Once Episode 3 and Rage is out it'll all be better.(for me at least.)lol


----------



## FordGT90Concept (Mar 3, 2010)

douglatins said:


> Tropico 3 is on 360 now


It's got problems and support for the Xbox360 isn't their highest priority (e.g. focus on Expansion Packs rather than DLCs).


----------



## wolf (Mar 3, 2010)

yes, shafted, large rusty pole...

Star Wars The Force Unleashed is about THE worst port i have ever seen, you can only select your res, no other gfx options, hell they didnt even care to bump the fps cap from 30 to 60...

the ones mentioned already in this thread hold true too, were getting eff'd in the a


----------



## Mussels (Mar 3, 2010)

Triprift said:


> Lets be realistic ppl if more ppl actually bought the games instead of getting pirated copies it would help also. And why all this lets rebel stuff like rebelling against the guys that make the games is gonna work. Thats like all the hate mail Michael Atkinson gets doesnt help gamers cause one bit just makes us look as bad guys.



no it doesnt, we buy these shit games and they'll think its what we want, and keep selling them.


----------



## Triprift (Mar 3, 2010)

Well then write letters to the developers and write in a clear and consise manner and not you guys suck we hate you stuff because you wont get a favourable response that way.


----------



## Mussels (Mar 3, 2010)

Triprift said:


> Well then write letters to the developers and write in a clear and consise manner and not you guys suck we hate you stuff because you wont get a favourable response that way.



yes, if you do email/post on forums - dont make it all ragey hatmail that will just get deleted and ignored. Give them rational reasoning.

Also, speak with your wallet - when great games come out on PC, pay for them. (stalker CoP comes to mind here)


----------



## Triprift (Mar 3, 2010)

Indeed thank you Mussels thats what i was trying to say. 

Just trying to be level headed about it.


----------



## Soylent Joe (Mar 3, 2010)

Yeah, we're getting shafted in every possible sense of the word. Sucks man.


----------



## DannibusX (Mar 3, 2010)

I think a lot of what is happening in PC gaming is due to the large publishing companies like Activision and EA.  Everyone that is a big fan of gaming knows that Bobby Kotick is all about the bottom line when it comes to developing games.  CoD is a prime example of that.  Compare IW to Valve.  Valve still makes great games for the PC because they are still independent, IW started on the PC, but has focused on consoles for a few years.

The DLC thing that is popular with consoles (and coming soon to a PC near you!) really bugs me.  I prefer complete games that can be expanded on, but I stopped playing Dragon Age when I found several quests that required me to buy DLC to complete.  That is inexcusible.
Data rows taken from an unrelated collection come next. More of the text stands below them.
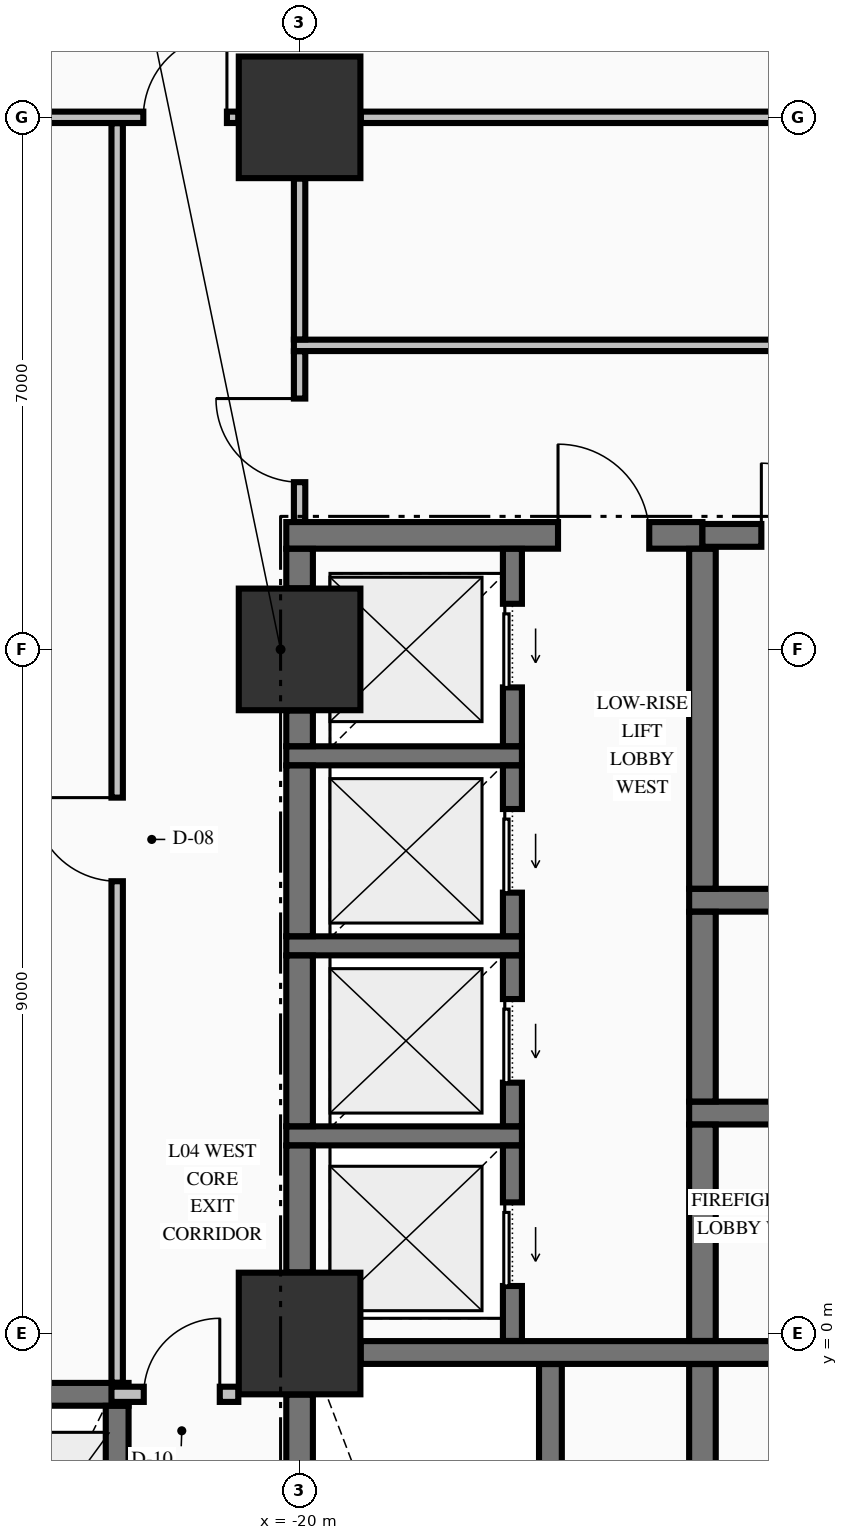
"""IFC4 building model, lengths in metres.
Left out: names, types, materials, properties, quantities, classifications, styles, units other than length and angle.
Written with IfcOpenShell. Run it as: python <this file> out.ifc"""

import sys

from ifc_helpers import new_model, si_unit, direction, frame, frame_2d, origin, origin_2d, place, context, subcontext, project, spatial, rectangle, extrude, element, fill, save


model = new_model("IFC4")
c1 = context("Model", 3, precision=1e-05, world=origin(), true_north=direction((0.0, 1.0)))
c2 = subcontext(c1, "Body", "Model", "MODEL_VIEW")
j1 = project(units=[si_unit("LENGTHUNIT", "METRE"), si_unit("PLANEANGLEUNIT", "RADIAN")], contexts=[c1])
p1 = place(None, origin())
s1 = spatial("IfcSite", under=j1, at=p1, CompositionType="ELEMENT")
p2 = place(p1, origin())
s2 = spatial("IfcBuilding", under=s1, at=p2, CompositionType="ELEMENT")
p3 = place(p2, frame((0.0, 0.0, 21.76)))
s3 = spatial("IfcBuildingStorey", under=s2, at=p3, CompositionType="ELEMENT", Elevation=21.76)
for number, where, z_axis, x_axis in (
    (1, (-20.0, 0.0, -0.45), (0.0, 0.0, 1.0), (1.0, 0.0, 0.0)),
    (2, (-20.0, 9.0, -0.45), (0.0, 0.0, 1.0), (1.0, 0.0, 0.0)),
    (3, (-20.0, 16.0, -0.45), (0.0, 0.0, 1.0), (1.0, 0.0, 0.0)),
):
    element("IfcColumn", number, at=place(p3, frame(where, z_axis=z_axis, x_axis=x_axis)), inside=s3, PredefinedType="COLUMN", context=c2, shape_type="SweptSolid", body=[
        extrude(rectangle(XDim=1.6, YDim=1.6, at=origin_2d()), origin(), (0.0, 0.0, 1.0), 5.44),
    ])
p4 = place(p3, frame((-25.296, -0.8, 0.0), z_axis=(0.0, 0.0, 1.0), x_axis=(1.0, 0.0, 0.0)))
e4 = element("IfcWall", 4, at=p4, inside=s3, PredefinedType="SHEAR", context=c2, shape_type="SweptSolid", body=[
    extrude(rectangle(XDim=3.046, YDim=0.3, at=frame_2d((1.523, 0.0))), origin(), (0.0, 0.0, 1.0), 4.99),
])
p5 = place(p3, frame((-19.196, -0.25, 0.0), z_axis=(0.0, 0.0, 1.0), x_axis=(1.0, 0.0, 0.0)))
e5 = element("IfcWall", 5, at=p5, inside=s3, PredefinedType="SHEAR", context=c2, shape_type="SweptSolid", body=[
    extrude(rectangle(XDim=7.392, YDim=0.3, at=frame_2d((3.696, 0.0))), origin(), (0.0, 0.0, 1.0), 4.99),
])
p6 = place(p5, frame((5.496, 0.0, 0.0)))
e6 = element("IfcOpeningElement", 6, at=p6, cuts=e5, PredefinedType="OPENING", context=c2, shape_type="SweptSolid", body=[
    extrude(rectangle(XDim=1.1, YDim=2.15, at=frame_2d((0.55, 1.075))), frame((0.0, 0.16, 0.0), z_axis=(0.0, -1.0, 0.0), x_axis=(1.0, 0.0, 0.0)), (0.0, 0.0, 1.0), 0.32),
])
p7 = place(p3, frame((-20.175, 2.6, 0.0), z_axis=(0.0, 0.0, 1.0), x_axis=(1.0, 0.0, 0.0)))
e7 = element("IfcWall", 7, at=p7, inside=s3, PredefinedType="SOLIDWALL", context=c2, shape_type="SweptSolid", body=[
    extrude(rectangle(XDim=3.1, YDim=0.25, at=frame_2d((1.55, 0.0))), origin(), (0.0, 0.0, 1.0), 4.99),
])
p8 = place(p3, frame((-14.875, 2.9, 0.0), z_axis=(0.0, 0.0, 1.0), x_axis=(1.0, 0.0, 0.0)))
e8 = element("IfcWall", 8, at=p8, inside=s3, PredefinedType="SHEAR", context=c2, shape_type="SweptSolid", body=[
    extrude(rectangle(XDim=4.025, YDim=0.3, at=frame_2d((2.012, 0.0))), origin(), (0.0, 0.0, 1.0), 4.99),
])
p9 = place(p8, frame((2.075, 0.0, 0.0)))
e9 = element("IfcOpeningElement", 9, at=p9, cuts=e8, PredefinedType="OPENING", context=c2, shape_type="SweptSolid", body=[
    extrude(rectangle(XDim=1.1, YDim=2.2, at=frame_2d((0.55, 1.1))), frame((0.0, 0.16, 0.0), z_axis=(0.0, -1.0, 0.0), x_axis=(1.0, 0.0, 0.0)), (0.0, 0.0, 1.0), 0.32),
])
p10 = place(p3, frame((-20.175, 5.1, 0.0), z_axis=(0.0, 0.0, 1.0), x_axis=(1.0, 0.0, 0.0)))
e10 = element("IfcWall", 10, at=p10, inside=s3, PredefinedType="SOLIDWALL", context=c2, shape_type="SweptSolid", body=[
    extrude(rectangle(XDim=3.1, YDim=0.25, at=frame_2d((1.55, 0.0))), origin(), (0.0, 0.0, 1.0), 4.99),
])
p11 = place(p3, frame((-14.875, 5.7, 0.0), z_axis=(0.0, 0.0, 1.0), x_axis=(1.0, 0.0, 0.0)))
e11 = element("IfcWall", 11, at=p11, inside=s3, PredefinedType="SHEAR", context=c2, shape_type="SweptSolid", body=[
    extrude(rectangle(XDim=4.025, YDim=0.3, at=frame_2d((2.012, 0.0))), origin(), (0.0, 0.0, 1.0), 4.99),
])
p12 = place(p3, frame((-20.175, 7.6, 0.0), z_axis=(0.0, 0.0, 1.0), x_axis=(1.0, 0.0, 0.0)))
e12 = element("IfcWall", 12, at=p12, inside=s3, PredefinedType="SOLIDWALL", context=c2, shape_type="SweptSolid", body=[
    extrude(rectangle(XDim=3.1, YDim=0.25, at=frame_2d((1.55, 0.0))), origin(), (0.0, 0.0, 1.0), 4.99),
])
p13 = place(p3, frame((-20.175, 10.5, 0.0), z_axis=(0.0, 0.0, 1.0), x_axis=(1.0, 0.0, 0.0)))
e13 = element("IfcWall", 13, at=p13, inside=s3, PredefinedType="SHEAR", context=c2, shape_type="SweptSolid", body=[
    extrude(rectangle(XDim=5.475, YDim=0.35, at=frame_2d((2.738, 0.0))), origin(), (0.0, 0.0, 1.0), 4.99),
])
p14 = place(p13, frame((3.575, 0.0, 0.0)))
e14 = element("IfcOpeningElement", 14, at=p14, cuts=e13, PredefinedType="OPENING", context=c2, shape_type="SweptSolid", body=[
    extrude(rectangle(XDim=1.2, YDim=2.15, at=frame_2d((0.6, 1.075))), frame((0.0, 0.185, 0.0), z_axis=(0.0, -1.0, 0.0), x_axis=(1.0, 0.0, 0.0)), (0.0, 0.0, 1.0), 0.37),
])
p15 = place(p3, frame((-14.7, 10.5, 0.0), z_axis=(0.0, 0.0, 1.0), x_axis=(1.0, 0.0, 0.0)))
e15 = element("IfcWall", 15, at=p15, inside=s3, PredefinedType="SHEAR", context=c2, shape_type="SweptSolid", body=[
    extrude(rectangle(XDim=3.85, YDim=0.3, at=frame_2d((1.925, 0.0))), origin(), (0.0, 0.0, 1.0), 4.99),
])
p16 = place(p15, frame((0.775, 0.0, 0.0)))
e16 = element("IfcOpeningElement", 16, at=p16, cuts=e15, PredefinedType="OPENING", context=c2, shape_type="SweptSolid", body=[
    extrude(rectangle(XDim=0.95, YDim=2.15, at=frame_2d((0.475, 1.075))), frame((0.0, 0.16, 0.0), z_axis=(0.0, -1.0, 0.0), x_axis=(1.0, 0.0, 0.0)), (0.0, 0.0, 1.0), 0.32),
])
p17 = place(p3, frame((-22.475, -0.8, 0.0), z_axis=(0.0, 0.0, 1.0), x_axis=(1.0, 0.0, 0.0)))
e17 = element("IfcWall", 17, at=p17, inside=s3, PredefinedType="PARTITIONING", context=c2, shape_type="SweptSolid", body=[
    extrude(rectangle(XDim=1.669, YDim=0.2, at=frame_2d((0.834, 0.0))), origin(), (0.0, 0.0, 1.0), 4.99),
])
p18 = place(p17, frame((0.425, 0.0, 0.0)))
e18 = element("IfcOpeningElement", 18, at=p18, cuts=e17, PredefinedType="OPENING", context=c2, shape_type="SweptSolid", body=[
    extrude(rectangle(XDim=1.0, YDim=2.15, at=frame_2d((0.5, 1.075))), frame((0.0, 0.11, 0.0), z_axis=(0.0, -1.0, 0.0), x_axis=(1.0, 0.0, 0.0)), (0.0, 0.0, 1.0), 0.22),
])
p19 = place(p3, frame((-20.075, 13.0, 0.0), z_axis=(0.0, 0.0, 1.0), x_axis=(1.0, 0.0, 0.0)))
e19 = element("IfcWall", 19, at=p19, inside=s3, PredefinedType="PARTITIONING", context=c2, shape_type="SweptSolid", body=[
    extrude(rectangle(XDim=40.15, YDim=0.15, at=frame_2d((20.075, 0.0))), origin(), (0.0, 0.0, 1.0), 4.99),
])
p20 = place(p19, frame((9.725, 0.0, 0.0)))
e20 = element("IfcOpeningElement", 20, at=p20, cuts=e19, PredefinedType="OPENING", context=c2, shape_type="SweptSolid", body=[
    extrude(rectangle(XDim=1.1, YDim=2.15, at=frame_2d((0.55, 1.075))), frame((0.0, 0.085, 0.0), z_axis=(0.0, -1.0, 0.0), x_axis=(1.0, 0.0, 0.0)), (0.0, 0.0, 1.0), 0.17),
])
p21 = place(p19, frame((29.325, 0.0, 0.0)))
e21 = element("IfcOpeningElement", 21, at=p21, cuts=e19, PredefinedType="OPENING", context=c2, shape_type="SweptSolid", body=[
    extrude(rectangle(XDim=1.1, YDim=2.15, at=frame_2d((0.55, 1.075))), frame((0.0, 0.085, 0.0), z_axis=(0.0, -1.0, 0.0), x_axis=(1.0, 0.0, 0.0)), (0.0, 0.0, 1.0), 0.17),
])
p22 = place(p3, frame((-25.294, 16.0, 0.0), z_axis=(0.0, 0.0, 1.0), x_axis=(1.0, 0.0, 0.0)))
e22 = element("IfcWall", 22, at=p22, inside=s3, PredefinedType="PARTITIONING", context=c2, shape_type="SweptSolid", body=[
    extrude(rectangle(XDim=4.488, YDim=0.15, at=frame_2d((2.244, 0.0))), origin(), (0.0, 0.0, 1.0), 3.332),
])
p23 = place(p22, frame((3.238, 0.0, 0.0)))
e23 = element("IfcOpeningElement", 23, at=p23, cuts=e22, PredefinedType="OPENING", context=c2, shape_type="SweptSolid", body=[
    extrude(rectangle(XDim=1.1, YDim=2.15, at=frame_2d((0.55, 1.075))), frame((0.0, 0.085, 0.0), z_axis=(0.0, -1.0, 0.0), x_axis=(1.0, 0.0, 0.0)), (0.0, 0.0, 1.0), 0.17),
])
p24 = place(p3, frame((-19.194, 16.0, 0.0), z_axis=(0.0, 0.0, 1.0), x_axis=(1.0, 0.0, 0.0)))
e24 = element("IfcWall", 24, at=p24, inside=s3, PredefinedType="PARTITIONING", context=c2, shape_type="SweptSolid", body=[
    extrude(rectangle(XDim=7.388, YDim=0.15, at=frame_2d((3.694, 0.0))), origin(), (0.0, 0.0, 1.0), 3.332),
])
p25 = place(p3, frame((-22.4, -4.648, 0.0), z_axis=(0.0, 0.0, 1.0), x_axis=(0.0, 1.0, 0.0)))
e25 = element("IfcWall", 25, at=p25, inside=s3, PredefinedType="SHEAR", context=c2, shape_type="SweptSolid", body=[
    extrude(rectangle(XDim=3.696, YDim=0.3, at=frame_2d((1.848, 0.0))), origin(), (0.0, 0.0, 1.0), 4.99),
])
p26 = place(p25, frame((1.198, 0.0, 0.0)))
e26 = element("IfcOpeningElement", 26, at=p26, cuts=e25, PredefinedType="OPENING", context=c2, shape_type="SweptSolid", body=[
    extrude(rectangle(XDim=1.3, YDim=2.3, at=frame_2d((0.65, 1.15))), frame((0.0, 0.16, 0.0), z_axis=(0.0, -1.0, 0.0), x_axis=(1.0, 0.0, 0.0)), (0.0, 0.0, 1.0), 0.32),
])
p27 = place(p3, frame((-20.0, -8.196, 0.0), z_axis=(0.0, 0.0, 1.0), x_axis=(0.0, 1.0, 0.0)))
e27 = element("IfcWall", 27, at=p27, inside=s3, PredefinedType="SHEAR", context=c2, shape_type="SweptSolid", body=[
    extrude(rectangle(XDim=7.392, YDim=0.35, at=frame_2d((3.696, 0.0))), origin(), (0.0, 0.0, 1.0), 4.99),
])
p28 = place(p3, frame((-20.0, 0.804, 0.0), z_axis=(0.0, 0.0, 1.0), x_axis=(0.0, 1.0, 0.0)))
e28 = element("IfcWall", 28, at=p28, inside=s3, PredefinedType="SHEAR", context=c2, shape_type="SweptSolid", body=[
    extrude(rectangle(XDim=1.669, YDim=0.35, at=frame_2d((0.834, 0.0))), origin(), (0.0, 0.0, 1.0), 4.99),
])
for number, where, z_axis, x_axis in (
    (29, (-20.0, 2.727, 0.0), (0.0, 0.0, 1.0), (0.0, 1.0, 0.0)),
    (30, (-20.0, 5.227, 0.0), (0.0, 0.0, 1.0), (0.0, 1.0, 0.0)),
):
    element("IfcWall", number, at=place(p3, frame(where, z_axis=z_axis, x_axis=x_axis)), inside=s3, PredefinedType="SHEAR", context=c2, shape_type="SweptSolid", body=[
        extrude(rectangle(XDim=2.246, YDim=0.35, at=frame_2d((1.123, 0.0))), origin(), (0.0, 0.0, 1.0), 4.99),
    ])
p29 = place(p3, frame((-20.0, 7.727, 0.0), z_axis=(0.0, 0.0, 1.0), x_axis=(0.0, 1.0, 0.0)))
e31 = element("IfcWall", 31, at=p29, inside=s3, PredefinedType="SHEAR", context=c2, shape_type="SweptSolid", body=[
    extrude(rectangle(XDim=0.469, YDim=0.35, at=frame_2d((0.234, 0.0))), origin(), (0.0, 0.0, 1.0), 4.99),
])
p30 = place(p3, frame((-20.0, 9.804, 0.0), z_axis=(0.0, 0.0, 1.0), x_axis=(0.0, 1.0, 0.0)))
e32 = element("IfcWall", 32, at=p30, inside=s3, PredefinedType="SHEAR", context=c2, shape_type="SweptSolid", body=[
    extrude(rectangle(XDim=0.519, YDim=0.35, at=frame_2d((0.26, 0.0))), origin(), (0.0, 0.0, 1.0), 4.99),
])
p31 = place(p3, frame((-17.2, -0.098, 0.0), z_axis=(0.0, 0.0, 1.0), x_axis=(0.0, 1.0, 0.0)))
e33 = element("IfcWall", 33, at=p31, inside=s3, PredefinedType="SOLIDWALL", context=c2, shape_type="SweptSolid", body=[
    extrude(rectangle(XDim=2.571, YDim=0.25, at=frame_2d((1.285, 0.0))), origin(), (0.0, 0.0, 1.0), 4.99),
])
p32 = place(p31, frame((0.723, 0.0, 0.0)))
e34 = element("IfcOpeningElement", 34, at=p32, cuts=e33, PredefinedType="OPENING", context=c2, shape_type="SweptSolid", body=[
    extrude(rectangle(XDim=1.1, YDim=2.2, at=frame_2d((0.55, 1.1))), frame((0.0, 0.135, 0.0), z_axis=(0.0, -1.0, 0.0), x_axis=(1.0, 0.0, 0.0)), (0.0, 0.0, 1.0), 0.27),
])
p33 = place(p3, frame((-17.2, 2.727, 0.0), z_axis=(0.0, 0.0, 1.0), x_axis=(0.0, 1.0, 0.0)))
e35 = element("IfcWall", 35, at=p33, inside=s3, PredefinedType="SOLIDWALL", context=c2, shape_type="SweptSolid", body=[
    extrude(rectangle(XDim=2.246, YDim=0.25, at=frame_2d((1.123, 0.0))), origin(), (0.0, 0.0, 1.0), 4.99),
])
p34 = place(p33, frame((0.573, 0.0, 0.0)))
e36 = element("IfcOpeningElement", 36, at=p34, cuts=e35, PredefinedType="OPENING", context=c2, shape_type="SweptSolid", body=[
    extrude(rectangle(XDim=1.1, YDim=2.2, at=frame_2d((0.55, 1.1))), frame((0.0, 0.135, 0.0), z_axis=(0.0, -1.0, 0.0), x_axis=(1.0, 0.0, 0.0)), (0.0, 0.0, 1.0), 0.27),
])
p35 = place(p3, frame((-17.2, 5.227, 0.0), z_axis=(0.0, 0.0, 1.0), x_axis=(0.0, 1.0, 0.0)))
e37 = element("IfcWall", 37, at=p35, inside=s3, PredefinedType="SOLIDWALL", context=c2, shape_type="SweptSolid", body=[
    extrude(rectangle(XDim=2.246, YDim=0.25, at=frame_2d((1.123, 0.0))), origin(), (0.0, 0.0, 1.0), 4.99),
])
p36 = place(p35, frame((0.573, 0.0, 0.0)))
e38 = element("IfcOpeningElement", 38, at=p36, cuts=e37, PredefinedType="OPENING", context=c2, shape_type="SweptSolid", body=[
    extrude(rectangle(XDim=1.1, YDim=2.2, at=frame_2d((0.55, 1.1))), frame((0.0, 0.135, 0.0), z_axis=(0.0, -1.0, 0.0), x_axis=(1.0, 0.0, 0.0)), (0.0, 0.0, 1.0), 0.27),
])
p37 = place(p3, frame((-17.2, 7.727, 0.0), z_axis=(0.0, 0.0, 1.0), x_axis=(0.0, 1.0, 0.0)))
e39 = element("IfcWall", 39, at=p37, inside=s3, PredefinedType="SOLIDWALL", context=c2, shape_type="SweptSolid", body=[
    extrude(rectangle(XDim=2.596, YDim=0.25, at=frame_2d((1.298, 0.0))), origin(), (0.0, 0.0, 1.0), 4.99),
])
p38 = place(p37, frame((0.773, 0.0, 0.0)))
e40 = element("IfcOpeningElement", 40, at=p38, cuts=e39, PredefinedType="OPENING", context=c2, shape_type="SweptSolid", body=[
    extrude(rectangle(XDim=1.1, YDim=2.2, at=frame_2d((0.55, 1.1))), frame((0.0, 0.135, 0.0), z_axis=(0.0, -1.0, 0.0), x_axis=(1.0, 0.0, 0.0)), (0.0, 0.0, 1.0), 0.27),
])
p39 = place(p3, frame((-16.7, -9.773, 0.0), z_axis=(0.0, 0.0, 1.0), x_axis=(0.0, 1.0, 0.0)))
e41 = element("IfcWall", 41, at=p39, inside=s3, PredefinedType="SHEAR", context=c2, shape_type="SweptSolid", body=[
    extrude(rectangle(XDim=9.371, YDim=0.3, at=frame_2d((4.686, 0.0))), origin(), (0.0, 0.0, 1.0), 4.99),
])
p40 = place(p3, frame((-14.7, -9.773, 0.0), z_axis=(0.0, 0.0, 1.0), x_axis=(0.0, 1.0, 0.0)))
e42 = element("IfcWall", 42, at=p40, inside=s3, PredefinedType="SHEAR", context=c2, shape_type="SweptSolid", body=[
    extrude(rectangle(XDim=9.371, YDim=0.35, at=frame_2d((4.686, 0.0))), origin(), (0.0, 0.0, 1.0), 4.99),
])
p41 = place(p3, frame((-14.7, -0.098, 0.0), z_axis=(0.0, 0.0, 1.0), x_axis=(0.0, 1.0, 0.0)))
e43 = element("IfcWall", 43, at=p41, inside=s3, PredefinedType="SHEAR", context=c2, shape_type="SweptSolid", body=[
    extrude(rectangle(XDim=2.846, YDim=0.35, at=frame_2d((1.423, 0.0))), origin(), (0.0, 0.0, 1.0), 4.99),
])
p42 = place(p3, frame((-14.7, 3.052, 0.0), z_axis=(0.0, 0.0, 1.0), x_axis=(0.0, 1.0, 0.0)))
e44 = element("IfcWall", 44, at=p42, inside=s3, PredefinedType="SHEAR", context=c2, shape_type="SweptSolid", body=[
    extrude(rectangle(XDim=2.496, YDim=0.35, at=frame_2d((1.248, 0.0))), origin(), (0.0, 0.0, 1.0), 4.99),
])
p43 = place(p3, frame((-14.7, 5.852, 0.0), z_axis=(0.0, 0.0, 1.0), x_axis=(0.0, 1.0, 0.0)))
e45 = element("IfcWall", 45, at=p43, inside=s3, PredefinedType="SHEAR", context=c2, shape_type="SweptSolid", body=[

I'm not going to buy many games this year, I'm going to be ultra selective.  If there is a console game that I really want to play from a company that I don't really want to contribute to, I'll buy it used from Gamestop or something.


----------



## epicfail (Mar 3, 2010)

> Originally Posted by JackAttack
> Yes, I believe that is the case.
> The bigger question is what can be done about it?
> 
> ...



there would still be video cards sold, there would still be the need for those that use more power hungry programs, they might not sell as much, and they wouldnt sell the top top cards but they would still get sold nonetheless, i agree with you though it would really remove lots of there funds if this happened.


----------



## DrPepper (Mar 3, 2010)

Yes we have been shafted I can't even walk straight anymore


----------



## digibucc (Mar 3, 2010)

Triprift said:


> Lets be realistic ppl if more ppl actually bought the games instead of getting pirated copies it would help also.



that is such a lame argument. where people get the idea that a pirated copy is a lost sale , is beyond me. it doesn't make any rational sense.
of the people that WOULD purchase the game, I only see them going to pirated copies when a game is not released on time, or it has insane DRM. not that that justifies it, but it IS something the companies could easily rectify. Also, there are NO statistics backing up the claims that piracy hurts sales. there are many statistics backing up the other side.

obviously it's not, right.  i like to give money for something i appreciate, I like to have a collection of games that I OWN. but it's a reason, and it is something, again, that the Pubs/Devs COULD do something about, if they weren't crying wolf.

the fact is there are simply not enough hardcore pc gamers to compete with the console crowd.  it is lowest common denominator - and many of us complaining about the shafting (me included) have 1 or MORE consoles as well. we purchase those games too, a lot of us.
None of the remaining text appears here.